Pricing for HRV installation is difficult to triangulate from public sources because Vancouver HVAC companies rarely publish firm numbers; most provide estimates on-site. The Standard tier above draws from Canadian cost guides (Can Do Duct Cleaning), a Vancouver-based contractor (Penguin HVAC), and a US-based whole-home guide (Rise) with Canadian adjustment — treat as indicative and get 2–3 written quotes. Flag: only one Metro Vancouver company (Penguin HVAC) published a specific figure ($7,200 for new construction including all ductwork); the range above is drawn from multiple sources at the Standard scope.

How to maintain it — the procedures

Procedure: Clean HRV/ERV filters — every 3 months

Why: clogged filters are the primary cause of reduced airflow and poor heat-recovery efficiency. A blocked filter makes the motor work harder and shortens its life. This is the only owner-doable task on the HRV unit itself.3

You’ll need: access to the HRV unit (usually a utility room, basement, or storage closet); running water; somewhere to air-dry filters for 2–4 hours.

  1. MUST turn off the HRV at its wall control (or at the breaker) before opening the unit.
  2. Open the access panel — it usually unclips or has two thumbscrews.
  3. Slide both filters out. Note the airflow-direction arrows on the filter frame.
  4. Rinse filters under warm running water — no soap needed for a regular cleaning; mild dish soap is fine for heavily soiled filters. Rinse until water runs clear.
  5. Allow filters to air-dry completely (2–4 hours minimum) before reinstalling. MUST NOT reinstall wet filters — this promotes mould in the unit.
  6. Reinstall with airflow arrows pointing toward the core, replace the access panel, and restore power.

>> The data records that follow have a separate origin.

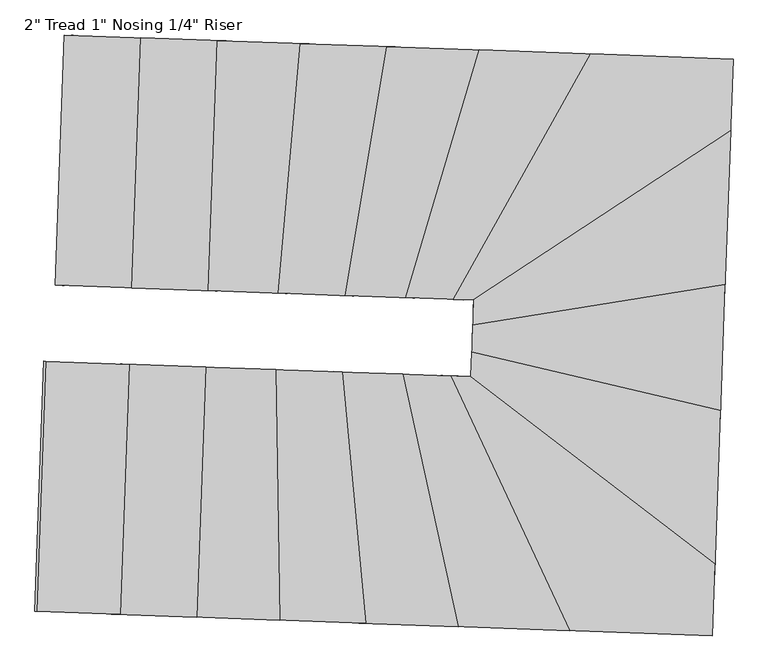
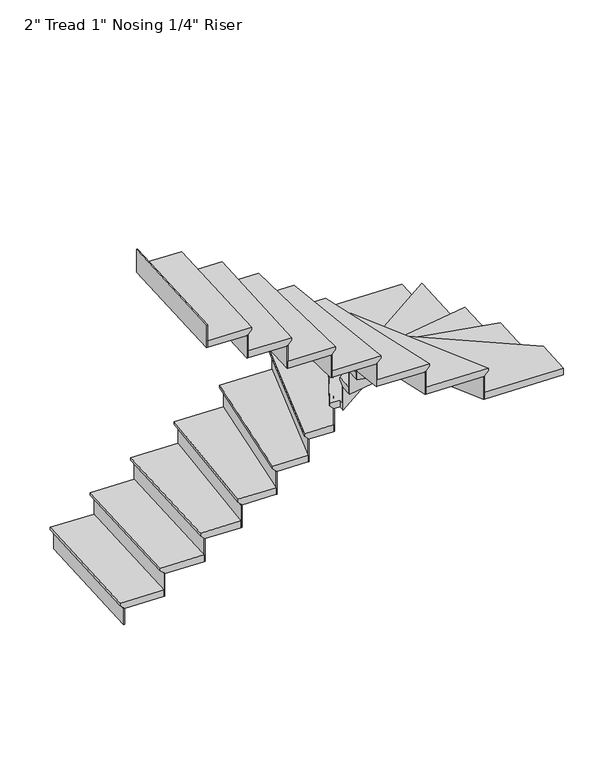
"""IFC4 building model written with IfcOpenShell, lengths in millimetres: stair flight geometry."""

from ifc_helpers import new_model, si_unit, origin, place, context, project, spatial, faceted_brep, source, transform, mapped, element, save


def stair_flight_55d3e88d(model_context):
    return source(origin(), model_context, "Body", "Brep", [
        faceted_brep([(-10039.2744432, -1277.1215258, 3198.2833333), (-10039.2744432, -1277.1215258, 3217.3333333), (-10006.394185, -363.3128759, 3217.3333333), (-10006.394185, -363.3128759, 3198.2833333), (-10013.8908696, -1278.0348663, 3172.8833333), (-9981.0106114, -364.2262164, 3172.8833333), (-9734.6715599, -1288.0816118, 3217.3333333), (-9701.7913017, -374.272962, 3217.3333333), (-9981.0106114, -364.2262164, 3166.5333333), (-9701.7913017, -374.272962, 3166.5333333), (-9734.6715599, -1288.0816118, 3166.5333333), (-10013.8908696, -1278.0348663, 3166.5333333)], [[[0, 1, 2, 3]], [[4, 0, 3, 5]], [[2, 1, 6, 7]], [[8, 9, 10, 11]], [[2, 7, 9, 8, 5, 3]], [[8, 11, 4, 5]], [[6, 1, 0, 4, 11, 10]], [[7, 6, 10, 9]]]),
        faceted_brep([(-10013.8908696, -1278.0348663, 3166.5333333), (-10013.8908696, -1278.0348663, 3048.0), (-10007.5449762, -1278.2632014, 3048.0), (-10007.5449762, -1278.2632014, 3166.5333333), (-9981.0106114, -364.2262164, 3166.5333333), (-9974.664718, -364.4545515, 3166.5333333), (-9974.664718, -364.4545515, 3048.0), (-9981.0106114, -364.2262164, 3048.0)], [[[0, 1, 2, 3]], [[4, 5, 6, 7]], [[1, 0, 4, 7]], [[2, 1, 7, 6]], [[3, 2, 6, 5]], [[0, 3, 5, 4]]]),
        faceted_brep([(-9734.6715599, -1288.0816118, 3335.8666667), (-9734.6715599, -1288.0816118, 3166.5333333), (-9728.3256665, -1288.309947, 3166.5333333), (-9728.3256665, -1288.309947, 3335.8666667), (-9701.7913017, -374.272962, 3335.8666667), (-9695.4454083, -374.5012971, 3335.8666667), (-9695.4454083, -374.5012971, 3166.5333333), (-9701.7913017, -374.272962, 3166.5333333)], [[[0, 1, 2, 3]], [[4, 5, 6, 7]], [[1, 0, 4, 7]], [[2, 1, 7, 6]], [[3, 2, 6, 5]], [[0, 3, 5, 4]]]),
        faceted_brep([(-9727.1748753, -373.3596215, 3386.6666667), (-9760.0551335, -1287.1682713, 3386.6666667), (-9455.4522502, -1298.1283574, 3386.6666667), (-9422.571992, -384.3197075, 3386.6666667), (-9701.7913017, -374.272962, 3335.8666667), (-9422.571992, -384.3197075, 3335.8666667), (-9455.4522502, -1298.1283574, 3335.8666667), (-9734.6715599, -1288.0816118, 3335.8666667), (-9701.7913017, -374.272962, 3342.2166667), (-9727.1748753, -373.3596215, 3367.6166667), (-9734.6715599, -1288.0816118, 3342.2166667), (-9760.0551335, -1287.1682713, 3367.6166667)], [[[0, 1, 2, 3]], [[4, 5, 6, 7]], [[0, 3, 5, 4, 8, 9]], [[4, 7, 10, 8]], [[2, 1, 11, 10, 7, 6]], [[3, 2, 6, 5]], [[11, 1, 0, 9]], [[10, 11, 9, 8]]]),
        faceted_brep([(-9455.4522502, -1298.1283574, 3505.2), (-9455.4522502, -1298.1283574, 3335.8666667), (-9449.1063568, -1298.3566925, 3335.8666667), (-9449.1063568, -1298.3566925, 3505.2), (-9422.571992, -384.3197075, 3505.2), (-9416.2260986, -384.5480426, 3505.2), (-9416.2260986, -384.5480426, 3335.8666667), (-9422.571992, -384.3197075, 3335.8666667)], [[[0, 1, 2, 3]], [[4, 5, 6, 7]], [[1, 0, 4, 7]], [[2, 1, 7, 6]], [[3, 2, 6, 5]], [[0, 3, 5, 4]]]),
        faceted_brep([(-9447.9555656, -383.406367, 3556.0), (-9480.8358238, -1297.2150169, 3556.0), (-9199.9504308, -1307.3217107, 3556.0), (-9119.566643, -395.2223118, 3556.0), (-9422.571992, -384.3197075, 3505.2), (-9119.566643, -395.2223118, 3505.2), (-9199.9504308, -1307.3217107, 3505.2), (-9455.4522502, -1298.1283574, 3505.2), (-9422.571992, -384.3197075, 3511.55), (-9447.9555656, -383.406367, 3536.95), (-9455.4522502, -1298.1283574, 3511.55), (-9480.8358238, -1297.2150169, 3536.95)], [[[0, 1, 2, 3]], [[4, 5, 6, 7]], [[0, 3, 5, 4, 8, 9]], [[4, 7, 10, 8]], [[2, 1, 11, 10, 7, 6]], [[3, 2, 6, 5]], [[11, 1, 0, 9]], [[10, 11, 9, 8]]]),
        faceted_brep([(-9199.9504308, -1307.3217107, 3674.5333333), (-9199.9504308, -1307.3217107, 3505.2), (-9193.5959688, -1307.5503542, 3505.2), (-9193.5959688, -1307.5503542, 3674.5333333), (-9119.566643, -395.2223118, 3674.5333333), (-9113.212181, -395.4509552, 3674.5333333), (-9113.212181, -395.4509552, 3505.2), (-9119.566643, -395.2223118, 3505.2)], [[[0, 1, 2, 3]], [[4, 5, 6, 7]], [[1, 0, 4, 7]], [[2, 1, 7, 6]], [[3, 2, 6, 5]], [[0, 3, 5, 4]]]),
        faceted_brep([(-9144.9844911, -394.3077381, 3725.3333333), (-9225.3682789, -1306.407137, 3725.3333333), (-8955.9416356, -1316.1015272, 3725.3333333), (-8804.7818676, -406.5487582, 3725.3333333), (-9119.566643, -395.2223118, 3674.5333333), (-8804.7818676, -406.5487582, 3674.5333333), (-8955.9416356, -1316.1015272, 3674.5333333), (-9199.9504308, -1307.3217107, 3674.5333333), (-9119.566643, -395.2223118, 3680.8833333), (-9144.9844911, -394.3077381, 3706.2833333), (-9199.9504308, -1307.3217107, 3680.8833333), (-9225.3682789, -1306.407137, 3706.2833333)], [[[0, 1, 2, 3]], [[4, 5, 6, 7]], [[0, 3, 5, 4, 8, 9]], [[4, 7, 10, 8]], [[2, 1, 11, 10, 7, 6]], [[3, 2, 6, 5]], [[11, 1, 0, 9]], [[10, 11, 9, 8]]]),
        faceted_brep([(-8955.9416356, -1316.1015272, 3843.8666667), (-8955.9416356, -1316.1015272, 3674.5333333), (-8949.5428047, -1316.3317671, 3674.5333333), (-8949.5428047, -1316.3317671, 3843.8666667), (-8804.7818676, -406.5487582, 3843.8666667), (-8798.3830367, -406.7789981, 3843.8666667), (-8798.3830367, -406.7789981, 3674.5333333), (-8804.7818676, -406.5487582, 3674.5333333)], [[[0, 1, 2, 3]], [[4, 5, 6, 7]], [[1, 0, 4, 7]], [[2, 1, 7, 6]], [[3, 2, 6, 5]], [[0, 3, 5, 4]]]),
        faceted_brep([(-8830.3771913, -405.6277986, 3894.6666667), (-8981.5369593, -1315.1805676, 3894.6666667), (-8734.4577413, -1324.0708626, 3894.6666667), (-8466.5990966, -418.7171009, 3894.6666667), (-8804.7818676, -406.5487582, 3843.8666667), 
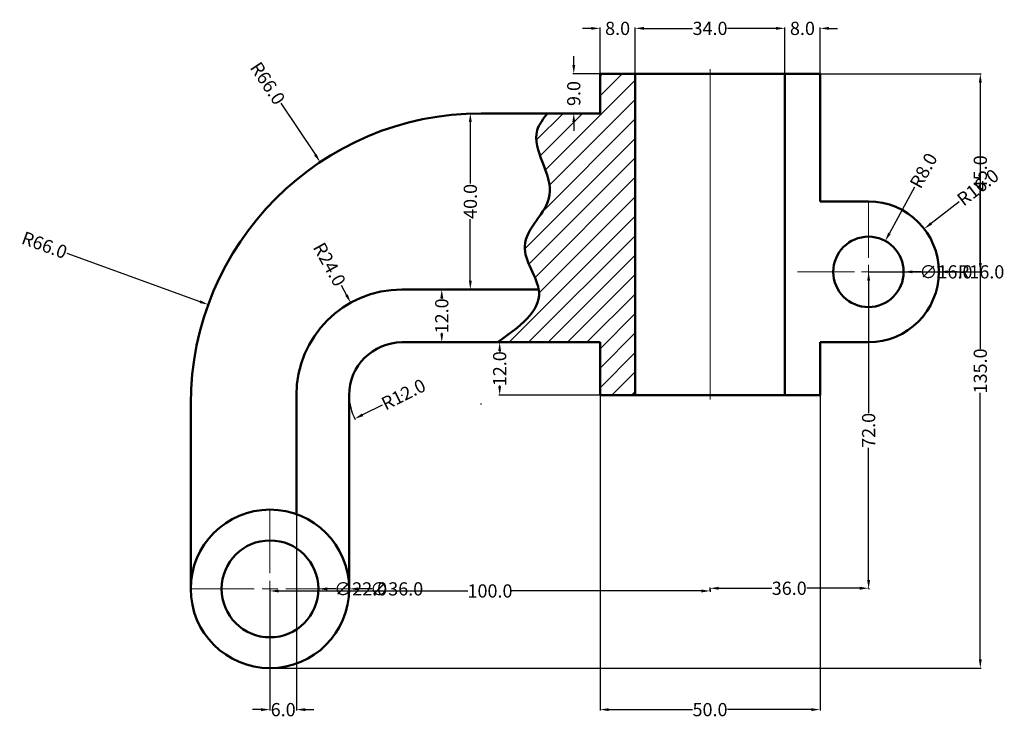
# Model space of a CAD drawing. Units: inches. Extents: x 196 to 456, y 125 to 440.
# Tile 1 of 2: x 196 to 420, y 125 to 284. Entities that reach past the tile are written whole.
import ezdxf

# ---------------------------------------------------------------- set-up
doc = ezdxf.new("R2010")
doc.units = ezdxf.units.IN
doc.header["$MEASUREMENT"] = 0
doc.linetypes.add('CENTER', pattern=[50.8, 31.75, -6.35, 6.35, -6.35])
for name, color, linetype, lineweight in [('M-CNTR', 1, 'CENTER', 18), ('M-DIMS', 2, 'Continuous', 25), ('M-HATC', 8, 'Continuous', 18), ('M-OUTL', 7, 'Continuous', 50)]:
    doc.layers.add(name, color=color, linetype=linetype, lineweight=lineweight)
doc.styles.get("Standard").update_dxf_attribs({"font": 'arial.ttf'})
doc.dimstyles.get("Standard").update_dxf_attribs({"dimtxt": 3, "dimasz": 2, "dimexe": 0.18, "dimexo": 0.0625, "dimgap": 0.09, "dimtad": 0, "dimdec": 1, "dimzin": 0, "dimdsep": 46, "dimtxsty": 'Standard', "dimcen": 0.09, "dimadec": 0, "dimazin": 0, "dimtfac": 1, "dimtdec": 1, "dimtofl": 0, "dimtmove": 0, "dimatfit": 3, "dimfxl": 1, "dimtolj": 1, "dimtzin": 0, "dimarcsym": 0})

# ---------------------------------------------------------------- blocks, each defined once
blk = doc.blocks.new('*U2')
at = {"layer": 'M-CNTR', "color": 0, "transparency": 16777216}
for p, q in [((0, 3.2), (0, 16.12)), ((-16.12, 0), (-3.2, 0)), ((3.2, 0), (16.12, 0)), ((0, -16.12), (0, -3.2))]:
    blk.add_line(p, q, dxfattribs=at)
at = {"layer": 'M-CNTR', "color": 0, "linetype": 'Continuous', "transparency": 16777216}
for p, q in [((-1.6, 0), (1.6, 0)), ((0, -1.6), (0, 1.6))]:
    blk.add_line(p, q, dxfattribs=at)
blk = doc.blocks.new('*U3')
at = {"layer": 'M-CNTR', "color": 0, "transparency": 16777216}
for p, q in [((0, 3.6), (0, 18.12)), ((-18.12, 0), (-3.6, 0)), ((3.6, 0), (18.12, 0)), ((0, -18.12), (0, -3.6))]:
    blk.add_line(p, q, dxfattribs=at)
at = {"layer": 'M-CNTR', "color": 0, "linetype": 'Continuous', "transparency": 16777216}
for p, q in [((-1.8, 0), (1.8, 0)), ((0, -1.8), (0, 1.8))]:
    blk.add_line(p, q, dxfattribs=at)
blk = doc.blocks.new('*U4')
at = {"layer": 'M-CNTR', "color": 0, "ltscale": 8, "transparency": 16777216}
blk.add_line((0, -37.5), (0, 37.5), dxfattribs=at)
blk = doc.blocks.new('*D11')
at = {"layer": 'Defpoints', "color": 0, "transparency": 16777216}
for p in [(389.31, 226.45), (389.31, 154.45), (389.35, 154.45)]:
    blk.add_point(p, dxfattribs=at)
at = {"layer": 'M-DIMS', "color": 0, "lineweight": -2, "transparency": 16777216}
for p, q in [((389.37, 226.45), (389.53, 226.45)), ((389.35, 224.45), (389.35, 194.42)), ((389.35, 156.45), (389.35, 186.48)), ((389.37, 154.45), (389.53, 154.45))]:
    blk.add_line(p, q, dxfattribs=at)
at = {"layer": 'M-DIMS', "color": 0, "transparency": 16777216}
for points in [[(389.02, 224.45), (389.69, 224.45), (389.35, 226.45)], [(389.02, 156.45), (389.69, 156.45), (389.35, 154.45)]]:
    blk.add_solid(points, dxfattribs=at)
at = {"layer": 'M-DIMS', "color": 0, "transparency": 16777216, "insert": (389.35, 190.45), "char_height": 3, "attachment_point": 5, "rotation": 90}
blk.add_mtext('\\A1;72.0', dxfattribs=at)
blk = doc.blocks.new('*D12')
at = {"layer": 'Defpoints', "color": 0, "transparency": 16777216}
for p in [(253.31, 154.45), (353.31, 154.45), (353.31, 153.98)]:
    blk.add_point(p, dxfattribs=at)
at = {"layer": 'M-DIMS', "color": 0, "lineweight": -2, "transparency": 16777216}
for p, q in [((253.31, 154.39), (253.31, 153.8)), ((353.31, 154.39), (353.31, 153.8)), ((255.31, 153.98), (298.3, 153.98)), ((351.31, 153.98), (308.31, 153.98))]:
    blk.add_line(p, q, dxfattribs=at)
at = {"layer": 'M-DIMS', "color": 0, "transparency": 16777216}
for points in [[(255.31, 154.31), (255.31, 153.64), (253.31, 153.98)], [(351.31, 154.31), (351.31, 153.64), (353.31, 153.98)]]:
    blk.add_solid(points, dxfattribs=at)
at = {"layer": 'M-DIMS', "color": 0, "transparency": 16777216, "insert": (303.31, 153.98), "char_height": 3, "attachment_point": 5}
blk.add_mtext('\\A1;100.0', dxfattribs=at)
blk = doc.blocks.new('*D13')
at = {"layer": 'Defpoints', "color": 0, "transparency": 16777216}
for p in [(389.31, 154.59), (389.31, 154.45), (353.31, 153.98)]:
    blk.add_point(p, dxfattribs=at)
at = {"layer": 'M-DIMS', "color": 0, "lineweight": -2, "transparency": 16777216}
for p, q in [((353.31, 154.04), (353.31, 154.77)), ((355.31, 154.59), (367.33, 154.59)), ((387.31, 154.59), (375.29, 154.59)), ((389.31, 154.51), (389.31, 154.77))]:
    blk.add_line(p, q, dxfattribs=at)
at = {"layer": 'M-DIMS', "color": 0, "transparency": 16777216}
for points in [[(355.31, 154.93), (355.31, 154.26), (353.31, 154.59)], [(387.31, 154.93), (387.31, 154.26), (389.31, 154.59)]]:
    blk.add_solid(points, dxfattribs=at)
at = {"layer": 'M-DIMS', "color": 0, "transparency": 16777216, "insert": (371.31, 154.59), "char_height": 3, "attachment_point": 5}
blk.add_mtext('\\A1;36.0', dxfattribs=at)
blk = doc.blocks.new('*D14')
at = {"layer": 'Defpoints', "color": 0, "transparency": 16777216}
for p in [(264.73, 251.38), (301.31, 196.45)]:
    blk.add_point(p, dxfattribs=at)
at = {"layer": 'M-DIMS', "color": 0, "lineweight": -2, "transparency": 16777216}
for p, q in [((255.81, 264.78), (263.62, 253.05)), ((301.22, 196.45), (301.4, 196.45)), ((301.31, 196.36), (301.31, 196.54))]:
    blk.add_line(p, q, dxfattribs=at)
at = {"layer": 'M-DIMS', "color": 0, "transparency": 16777216}
blk.add_solid([(263.89, 253.23), (263.34, 252.86), (264.73, 251.38)], dxfattribs=at)
at = {"layer": 'M-DIMS', "color": 0, "transparency": 16777216, "insert": (252.8, 269.28), "char_height": 3, "attachment_point": 5, "rotation": 303.6615}
blk.add_mtext('\\A1;R66.0', dxfattribs=at)
blk = doc.blocks.new('*D15')
at = {"layer": 'Defpoints', "color": 0, "transparency": 16777216}
for p in [(271.67, 219.44), (283.31, 198.45)]:
    blk.add_point(p, dxfattribs=at)
at = {"layer": 'M-DIMS', "color": 0, "lineweight": -2, "transparency": 16777216}
for p, q in [((269.47, 223.42), (270.7, 221.19)), ((283.22, 198.45), (283.4, 198.45)), ((283.31, 198.36), (283.31, 198.54))]:
    blk.add_line(p, q, dxfattribs=at)
at = {"layer": 'M-DIMS', "color": 0, "transparency": 16777216}
blk.add_solid([(270.99, 221.35), (270.41, 221.03), (271.67, 219.44)], dxfattribs=at)
at = {"layer": 'M-DIMS', "color": 0, "transparency": 16777216, "insert": (266.84, 228.15), "char_height": 3, "attachment_point": 5, "rotation": 299.0067}
blk.add_mtext('\\A1;R24.0', dxfattribs=at)
blk = doc.blocks.new('*D16')
at = {"layer": 'Defpoints', "color": 0, "transparency": 16777216}
for p in [(283.31, 198.45), (272.57, 193.09)]:
    blk.add_point(p, dxfattribs=at)
at = {"layer": 'M-DIMS', "color": 0, "lineweight": -2, "transparency": 16777216}
blk.add_line((278.81, 196.2), (274.36, 193.98), dxfattribs=at)
blk.add_arc((283.31, 198.45), 12, 180.2984, 207.4059, dxfattribs=at)
at = {"layer": 'M-DIMS', "color": 0, "transparency": 16777216}
blk.add_solid([(274.21, 194.28), (274.51, 193.68), (272.57, 193.09)], dxfattribs=at)
at = {"layer": 'M-DIMS', "color": 0, "transparency": 16777216, "insert": (283.65, 198.62), "char_height": 3, "attachment_point": 5, "rotation": 26.5465}
blk.add_mtext('\\A1;R12.0', dxfattribs=at)
blk = doc.blocks.new('*D17')
at = {"layer": 'Defpoints', "color": 0, "transparency": 16777216}
for p in [(401.98, 236.22), (389.31, 226.45)]:
    blk.add_point(p, dxfattribs=at)
at = {"layer": 'M-DIMS', "color": 0, "lineweight": -2, "transparency": 16777216}
for p, q in [((409.9, 242.34), (403.56, 237.45)), ((389.22, 226.45), (389.4, 226.45)), ((389.31, 226.36), (389.31, 226.54))]:
    blk.add_line(p, q, dxfattribs=at)
at = {"layer": 'M-DIMS', "color": 0, "transparency": 16777216}
blk.add_solid([(403.36, 237.71), (403.76, 237.18), (401.98, 236.22)], dxfattribs=at)
at = {"layer": 'M-DIMS', "color": 0, "transparency": 16777216, "insert": (414.19, 245.65), "char_height": 3, "attachment_point": 5, "rotation": 37.6579}
blk.add_mtext('\\A1;R16.0', dxfattribs=at)
blk = doc.blocks.new('*D18')
at = {"layer": 'Defpoints', "color": 0, "transparency": 16777216}
for p in [(393.14, 233.47), (389.31, 226.45)]:
    blk.add_point(p, dxfattribs=at)
at = {"layer": 'M-DIMS', "color": 0, "lineweight": -2, "transparency": 16777216}
for p, q in [((399.81, 245.72), (394.09, 235.23)), ((389.22, 226.45), (389.4, 226.45)), ((389.31, 226.36), (389.31, 226.54))]:
    blk.add_line(p, q, dxfattribs=at)
at = {"layer": 'M-DIMS', "color": 0, "transparency": 16777216}
blk.add_solid([(393.8, 235.39), (394.39, 235.07), (393.14, 233.47)], dxfattribs=at)
at = {"layer": 'M-DIMS', "color": 0, "transparency": 16777216, "insert": (401.84, 249.45), "char_height": 3, "attachment_point": 5, "rotation": 61.4164}
blk.add_mtext('\\A1;R8.0', dxfattribs=at)
blk = doc.blocks.new('*D19')
at = {"layer": 'Defpoints', "color": 0, "transparency": 16777216}
for p in [(301.31, 262.45), (298.84, 222.45), (301.31, 222.45)]:
    blk.add_point(p, dxfattribs=at)
at = {"layer": 'M-DIMS', "color": 0, "lineweight": -2, "transparency": 16777216}
for p, q in [((301.25, 262.45), (298.66, 262.45)), ((298.84, 260.45), (298.84, 246.49)), ((298.84, 224.45), (298.84, 238.41)), ((301.25, 222.45), (298.66, 222.45))]:
    blk.add_line(p, q, dxfattribs=at)
at = {"layer": 'M-DIMS', "color": 0, "transparency": 16777216}
for points in [[(298.51, 260.45), (299.18, 260.45), (298.84, 262.45)], [(298.51, 224.45), (299.18, 224.45), (298.84, 222.45)]]:
    blk.add_solid(points, dxfattribs=at)
at = {"layer": 'M-DIMS', "color": 0, "transparency": 16777216, "insert": (298.84, 242.45), "char_height": 3, "attachment_point": 5, "rotation": 90}
blk.add_mtext('\\A1;40.0', dxfattribs=at)
blk = doc.blocks.new('*D20')
at = {"layer": 'Defpoints', "color": 0, "transparency": 16777216}
for p in [(292.35, 222.45), (298.84, 222.45), (298.84, 210.45)]:
    blk.add_point(p, dxfattribs=at)
at = {"layer": 'M-DIMS', "color": 0, "lineweight": -2, "transparency": 16777216}
for p, q in [((298.78, 222.45), (292.17, 222.45)), ((292.35, 220.45), (292.35, 220.29)), ((292.35, 212.45), (292.35, 212.61)), ((298.78, 210.45), (292.17, 210.45))]:
    blk.add_line(p, q, dxfattribs=at)
at = {"layer": 'M-DIMS', "color": 0, "transparency": 16777216}
for points in [[(292.02, 220.45), (292.69, 220.45), (292.35, 222.45)], [(292.02, 212.45), (292.69, 212.45), (292.35, 210.45)]]:
    blk.add_solid(points, dxfattribs=at)
at = {"layer": 'M-DIMS', "color": 0, "transparency": 16777216, "insert": (292.35, 216.45), "char_height": 3, "attachment_point": 5, "rotation": 90}
blk.add_mtext('\\A1;12.0', dxfattribs=at)
blk = doc.blocks.new('*D21')
at = {"layer": 'Defpoints', "color": 0, "transparency": 16777216}
for p in [(328.31, 210.45), (305.51, 198.45), (328.31, 198.45)]:
    blk.add_point(p, dxfattribs=at)
at = {"layer": 'M-DIMS', "color": 0, "lineweight": -2, "transparency": 16777216}
for p, q in [((328.25, 210.45), (305.33, 210.45)), ((305.51, 208.45), (305.51, 208.29)), ((305.51, 200.45), (305.51, 200.61)), ((328.25, 198.45), (305.33, 198.45))]:
    blk.add_line(p, q, dxfattribs=at)
at = {"layer": 'M-DIMS', "color": 0, "transparency": 16777216}
for points in [[(305.18, 208.45), (305.84, 208.45), (305.51, 210.45)], [(305.18, 200.45), (305.84, 200.45), (305.51, 198.45)]]:
    blk.add_solid(points, dxfattribs=at)
at = {"layer": 'M-DIMS', "color": 0, "transparency": 16777216, "insert": (305.51, 204.45), "char_height": 3, "attachment_point": 5, "rotation": 90}
blk.add_mtext('\\A1;12.0', dxfattribs=at)
blk = doc.blocks.new('*D22')
at = {"layer": 'Defpoints', "color": 0, "transparency": 16777216}
for p in [(328.31, 271.45), (322.35, 262.45), (328.31, 262.45)]:
    blk.add_point(p, dxfattribs=at)
at = {"layer": 'M-DIMS', "color": 0, "lineweight": -2, "transparency": 16777216}
for p, q in [((322.35, 273.45), (322.35, 275.45)), ((328.25, 271.45), (322.17, 271.45)), ((328.25, 262.45), (322.17, 262.45)), ((322.35, 260.45), (322.35, 258.45))]:
    blk.add_line(p, q, dxfattribs=at)
at = {"layer": 'M-DIMS', "color": 0, "transparency": 16777216}
for points in [[(322.02, 273.45), (322.68, 273.45), (322.35, 271.45)], [(322.02, 260.45), (322.68, 260.45), (322.35, 262.45)]]:
    blk.add_solid(points, dxfattribs=at)
at = {"layer": 'M-DIMS', "color": 0, "transparency": 16777216, "insert": (322.35, 266.95), "char_height": 3, "attachment_point": 5, "rotation": 90}
blk.add_mtext('\\A1;9.0', dxfattribs=at)
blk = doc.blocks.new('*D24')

Done when: both filters are dry, reinstalled correctly, and the HRV restarts and runs without unusual noise.

Stop and call a pro if:

  • Filters are damaged (tears, holes) — replace them rather than cleaning
  • The unit has no airflow after cleaning — the core, ductwork, or motor needs diagnosis
  • You see water pooling inside the unit — the condensate drain may be blocked

Procedure: Check exterior vent caps — every 6 months

Why: HRV systems have two exterior wall penetrations — one intake, one exhaust — each with a cap and a backdraft damper. A blocked cap stops air exchange entirely. Debris, spider nests, ice, or a failed damper are common.

You’ll need: a step ladder if caps are above reach; a flashlight; 10 minutes.

  1. Locate both exterior vent caps on the outside wall (usually side-by-side, typically labelled on or near the HRV unit in the label diagram).
  2. Inspect for blockage: leaves, nests, ice buildup.
  3. Clear any obstruction — use a gloved hand or soft brush.
  4. Open and release the damper flap manually (when the HRV is off) — it should move freely. If it sticks open or closed, replace the cap.
  5. Confirm both caps are physically intact (no cracks or gaps that bypass the damper).

Done when: both caps are clear, undamaged, and the damper flaps move freely.

Stop and call a pro if: the cap penetration into the wall looks loose, water is tracking in around the cap, or you cannot reach the cap safely.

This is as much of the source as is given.